Let $f,x^2f \in L^2(\mathbf R)$. How can I show that $f\in L^1(\mathbf R)$ and
$ \|f\|_1 \leq \sqrt 2 \|f\|_2 + \frac{\sqrt 6}{3} \|x^2 f\|_2?$ I have no idea where to begin.
Let $f,x^2f \in L^2(\mathbf R)$. How can I show that $f\in L^1(\mathbf R)$ and
$ \|f\|_1 \leq \sqrt 2 \|f\|_2 + \frac{\sqrt 6}{3} \|x^2 f\|_2?$ I have no idea where to begin.
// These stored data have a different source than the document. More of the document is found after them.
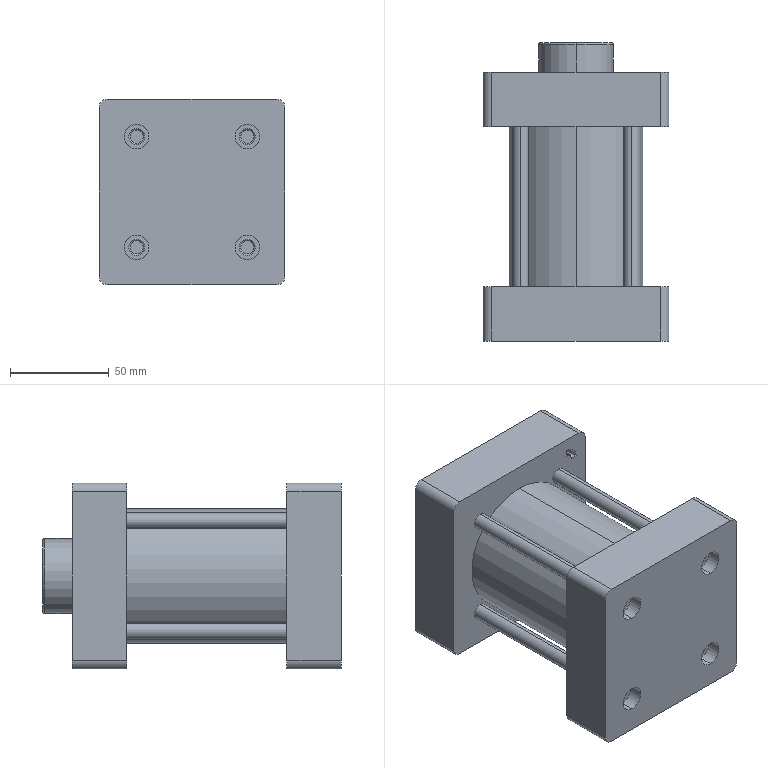Component | SolidWorks | NewCurveBenderSC63x40Cylinder-DoubleWheel-1_NewTypeCurveBenderSC-63x40(0)_c-DoubleWheel-1 | 1 solid | 157 faces | box 94 x 151 x 94 mm | volume 509926 mm3 | cylinder 78 | plane 47 | cone 30 | torus 2 | commonest cylinder face diameters 6.647 x16 12.5 x16 8 x8 8.773 x8 28.4 x4 14.95 x4 5 x4 9.1 x4
build123d program:
from build123d import *

# Parameters (mm, degrees)
BOSS_EXTRUDE1_DEPTH  = 27.5
CUT_REVOLVE1_ANGLE   = 90
SKETCH3_R            = 34
BOSS_EXTRUDE2_DEPTH  = 81
BOSS_EXTRUDE3_START  = -27.5
BOSS_EXTRUDE3_DEPTH  = 27.5
LPATTERN1_COUNT      = 2
LPATTERN1_PITCH      = 56
LPATTERN1_COUNT_DIR2 = 2
LPATTERN1_PITCH_DIR2 = 56
LPATTERN2_COUNT      = 2
LPATTERN2_PITCH      = 56
LPATTERN2_COUNT_DIR2 = 2
LPATTERN2_PITCH_DIR2 = 56
SKETCH9_W            = 81
SKETCH9_H            = 4
LPATTERN3_COUNT      = 2
LPATTERN3_PITCH      = 56
LPATTERN3_COUNT_DIR2 = 2
LPATTERN3_PITCH_DIR2 = 56


with BuildPart() as part:
    # Sketch1 → Boss-Extrude1 (new body)
    with BuildSketch(Plane(origin=(0, 0, 0), x_dir=(0, 0, -1), z_dir=(1, 0, 0))):
        with BuildLine():
            Line((-42.613, -47), (42.613, -47))
            ThreePointArc((42.613, -47), (45.715, -45.715), (47, -42.613))
            Line((47, -42.613), (47, 42.613))
            ThreePointArc((47, 42.613), (45.715, 45.715), (42.613, 47))
            Line((42.613, 47), (-42.613, 47))
            ThreePointArc((-42.613, 47), (-45.715, 45.715), (-47, 42.613))
            Line((-47, 42.613), (-47, -42.613))
            ThreePointArc((-47, -42.613), (-45.715, -45.715), (-42.613, -47))
        make_face()
    extrude(amount=BOSS_EXTRUDE1_DEPTH)

    # Sketch2 → Cut-Revolve1 (revolve, cut)
    with BuildSketch(Plane(origin=(0, 34, 0), x_dir=(1, 0, 0), z_dir=(0, 1, 0))):
        Polygon((0, -37), (0, -40.5), (27.5, -40.5), (27.5, -37), (27, -37.5), (0.5, -37.5), align=None)
    revolve(axis=Axis((0, 34, 34), (-1, 0, 0)), revolution_arc=CUT_REVOLVE1_ANGLE, mode=Mode.SUBTRACT)

    # Sketch3 → Boss-Extrude2 (add)
    with BuildSketch(Plane(origin=(27.5, 0, 0), x_dir=(0, 0, -1), z_dir=(1, 0, 0))):
        Circle(SKETCH3_R)
    extrude(amount=BOSS_EXTRUDE2_DEPTH)

    # Sketch4 → Boss-Extrude3 (add)
    with BuildSketch(Plane(origin=(136, 0, 0), x_dir=(0, 0, -1), z_dir=(1, 0, 0)).offset(BOSS_EXTRUDE3_START)):
        with BuildLine():
            Line((-42.613, -47), (42.613, -47))
            ThreePointArc((42.613, -47), (45.715, -45.715), (47, -42.613))
            Line((47, -42.613), (47, 42.613))
            ThreePointArc((47, 42.613), (45.715, 45.715), (42.613, 47))
            Line((42.613, 47), (-42.613, 47))
            ThreePointArc((-42.613, 47), (-45.715, 45.715), (-47, 42.613))
            Line((-47, 42.613), (-47, -42.613))
            ThreePointArc((-47, -42.613), (-45.715, -45.715), (-42.613, -47))
        make_face()
    extrude(amount=BOSS_EXTRUDE3_DEPTH)

    # Sketch5 → Cut-Revolve2 (revolve, cut)
    with BuildSketch(Plane(origin=(0, -28, 0), x_dir=(1, 0, 0), z_dir=(0, 1, 0))):
        Polygon((18, -28), (18, -31.323), (7.676, -31.323), (7, -32), (7, -34.25), (0, -34.25), (0, -28), align=None)
    cut_revolve2 = revolve(axis=Axis((0, -28, 28), (1, 0, 0)), mode=Mode.SUBTRACT)

    # LPattern1: Cut-Revolve2 2 × 2
    with Locations(*[(0, j * LPATTERN1_PITCH_DIR2, -i * LPATTERN1_PITCH) for i in range(LPATTERN1_COUNT) for j in range(LPATTERN1_COUNT_DIR2) if (i, j) != (0, 0)]):
        add(cut_revolve2, mode=Mode.SUBTRACT)

    # Sketch7 → Cut-Revolve3 (revolve, cut)
    with BuildSketch(Plane(origin=(0, -28, 0), x_dir=(1, 0, 0), z_dir=(0, 1, 0))):
        Polygon((136, -28), (136, -34.25), (129, -34.25), (129, -32), (128.323, -31.323), (118, -31.323), (118, -28), align=None)
    cut_revolve3 = revolve(axis=Axis((118, -28, 28), (1, 0, 0)), mode=Mode.SUBTRACT)

    # LPattern2: Cut-Revolve3 2 × 2
    with Locations(*[(0, j * LPATTERN2_PITCH_DIR2, -i * LPATTERN2_PITCH) for i in range(LPATTERN2_COUNT) for j in range(LPATTERN2_COUNT_DIR2) if (i, j) != (0, 0)]):
        add(cut_revolve3, mode=Mode.SUBTRACT)

    # Sketch9 → Revolve1 (revolve)
    with BuildSketch(Plane(origin=(0, -28, 0), x_dir=(1, 0, 0), z_dir=(0, 1, 0)), mode=Mode.PRIVATE) as revolve1_sk:
        with Locations((68, -26)):
            Rectangle(SKETCH9_W, SKETCH9_H)
    revolve1 = revolve(revolve1_sk.sketch.rotate(Axis((108.5, -28, 28), (-1, 0, 0)), 180), axis=Axis((108.5, -28, 28), (-1, 0, 0)))

    # LPattern3: Revolve1 2 × 2
    with Locations(*[(0, j * LPATTERN3_PITCH_DIR2, -i * LPATTERN3_PITCH) for i in range(LPATTERN3_COUNT) for j in range(LPATTERN3_COUNT_DIR2) if (i, j) != (0, 0)]):
        add(revolve1)

    # Sketch11 → Cut-Revolve4 (revolve, cut)
    with BuildSketch(Plane(origin=(15, 0, 0), x_dir=(0, 0, -1), z_dir=(1, 0, 0)), mode=Mode.PRIVATE) as cut_revolve4_sk:
        Polygon((-37.5, 9.5), (-37.5, 17.831), (-36.644, 16.975), (-17.506, 16.975), (-17.506, 9.5), align=None)
    revolve(cut_revolve4_sk.sketch.rotate(Axis((15, 9.5, 17.506), (0, 0, 1)), 270), axis=Axis((15, 9.5, 17.506), (0, 0, 1)), mode=Mode.SUBTRACT)

    # Sketch12 → Cut-Revolve5 (revolve, cut)
    with BuildSketch(Plane(origin=(121, 0, 0), x_dir=(0, 0, -1), z_dir=(1, 0, 0)), mode=Mode.PRIVATE) as cut_revolve5_sk:
        Polygon((-37.5, 9.5), (-37.5, 17.831), (-36.644, 16.975), (-17.506, 16.975), (-17.506, 9.5), align=None)
    revolve(cut_revolve5_sk.sketch.rotate(Axis((121, 9.5, 17.506), (0, 0, 1)), 270), axis=Axis((121, 9.5, 17.506), (0, 0, 1)), mode=Mode.SUBTRACT)

    # Sketch13 → Cut-Revolve6 (revolve, cut)
    with BuildSketch(Plane(origin=(19, 0, 0), x_dir=(0, 0, -1), z_dir=(1, 0, 0)), mode=Mode.PRIVATE) as cut_revolve6_sk:
        Polygon((-37.5, -8.5), (-37.5, -2.95), (-37, -3.45), (-34, -3.45), (-34, -3.95), (-36.5, -3.95), (-37, -4.45), (-37, -6), (-34, -6), (-34, -8.5), align=None)
    revolve(cut_revolve6_sk.sketch.rotate(Axis((19, -8.5, 34), (0, 0, 1)), 90), axis=Axis((19, -8.5, 34), (0, 0, 1)), mode=Mode.SUBTRACT)

    # Sketch14 → Cut-Revolve7 (revolve, cut)
    with BuildSketch(Plane(origin=(117, 0, 0), x_dir=(0, 0, -1), z_dir=(1, 0, 0)), mode=Mode.PRIVATE) as cut_revolve7_sk:
        Polygon((-37.5, -8.5), (-37.5, -2.95), (-37, -3.45), (-34, -3.45), (-34, -3.95), (-36.5, -3.95), (-37, -4.45), (-37, -6), (-34, -6), (-34, -8.5), align=None)
    revolve(cut_revolve7_sk.sketch.rotate(Axis((117, -8.5, 34), (0, 0, 1)), 90), axis=Axis((117, -8.5, 34), (0, 0, 1)), mode=Mode.SUBTRACT)

    # Sketch15 → Revolve2 (revolve)
    with BuildSketch(Plane.XY, mode=Mode.PRIVATE) as revolve2_sk:
        with BuildLine():
            Line((-15, 0), (-15, 18))
            ThreePointArc((-15, 18), (-14.707, 18.707), (-14, 19))
            Line((-14, 19), (0, 19))
            Line((0, 19), (0, 0))
            Line((0, 0), (-15, 0))
        make_face()
    revolve(revolve2_sk.sketch.rotate(Axis((0, 0, 0), (-1, 0, 0)), 270), axis=Axis((0, 0, 0), (-1, 0, 0)))

    # Sketch16 → Cut-Revolve8 (revolve, cut)
    with BuildSketch(Plane.XY, mode=Mode.PRIVATE) as cut_revolve8_sk:
        Polygon((-20, 0), (-20, 10), (-4, 10), (-4, 14.2), (26, 14.2), (26, 31.5), (104, 31.5), (104, 14.2), (134, 14.2), (134, 0), align=None)
    revolve(cut_revolve8_sk.sketch.rotate(Axis((134, 0, 0), (-1, 0, 0)), 270), axis=Axis((134, 0, 0), (-1, 0, 0)), mode=Mode.SUBTRACT)


solid = part.part

# Placed as in the assembly
solid = solid.moved(Location((50, -301, 0), (0, 0, -90)))

Write $f = f 1_{[-1,1]} + f 1_{[-1,1]^C}$. Then using Hölder's inequality, bound the two components of $f$ separately. (Some abuse of notation below, but you get the idea.)
$||f 1_{[-1,1]}||_1 \leq ||f||_2 ||1_{[-1,1]}||_2= \sqrt{2} ||f||_2$
$||f 1_{[-1,1]^C}||_1 =|| x^2 f \frac{1}{x^2}1_{[-1,1]^C}||_1 \leq ||x^2f||_2 ||\frac{1}{x^2}1_{[-1,1]^C}||_2 $
Since $\int_1^{\infty}(\frac{1}{x^2})^2 dx = \frac{1}{3}$, we have $||\frac{1}{x^2}1_{[-1,1]^C}||_2 = \sqrt{\frac{2}{3}}$, hence the result.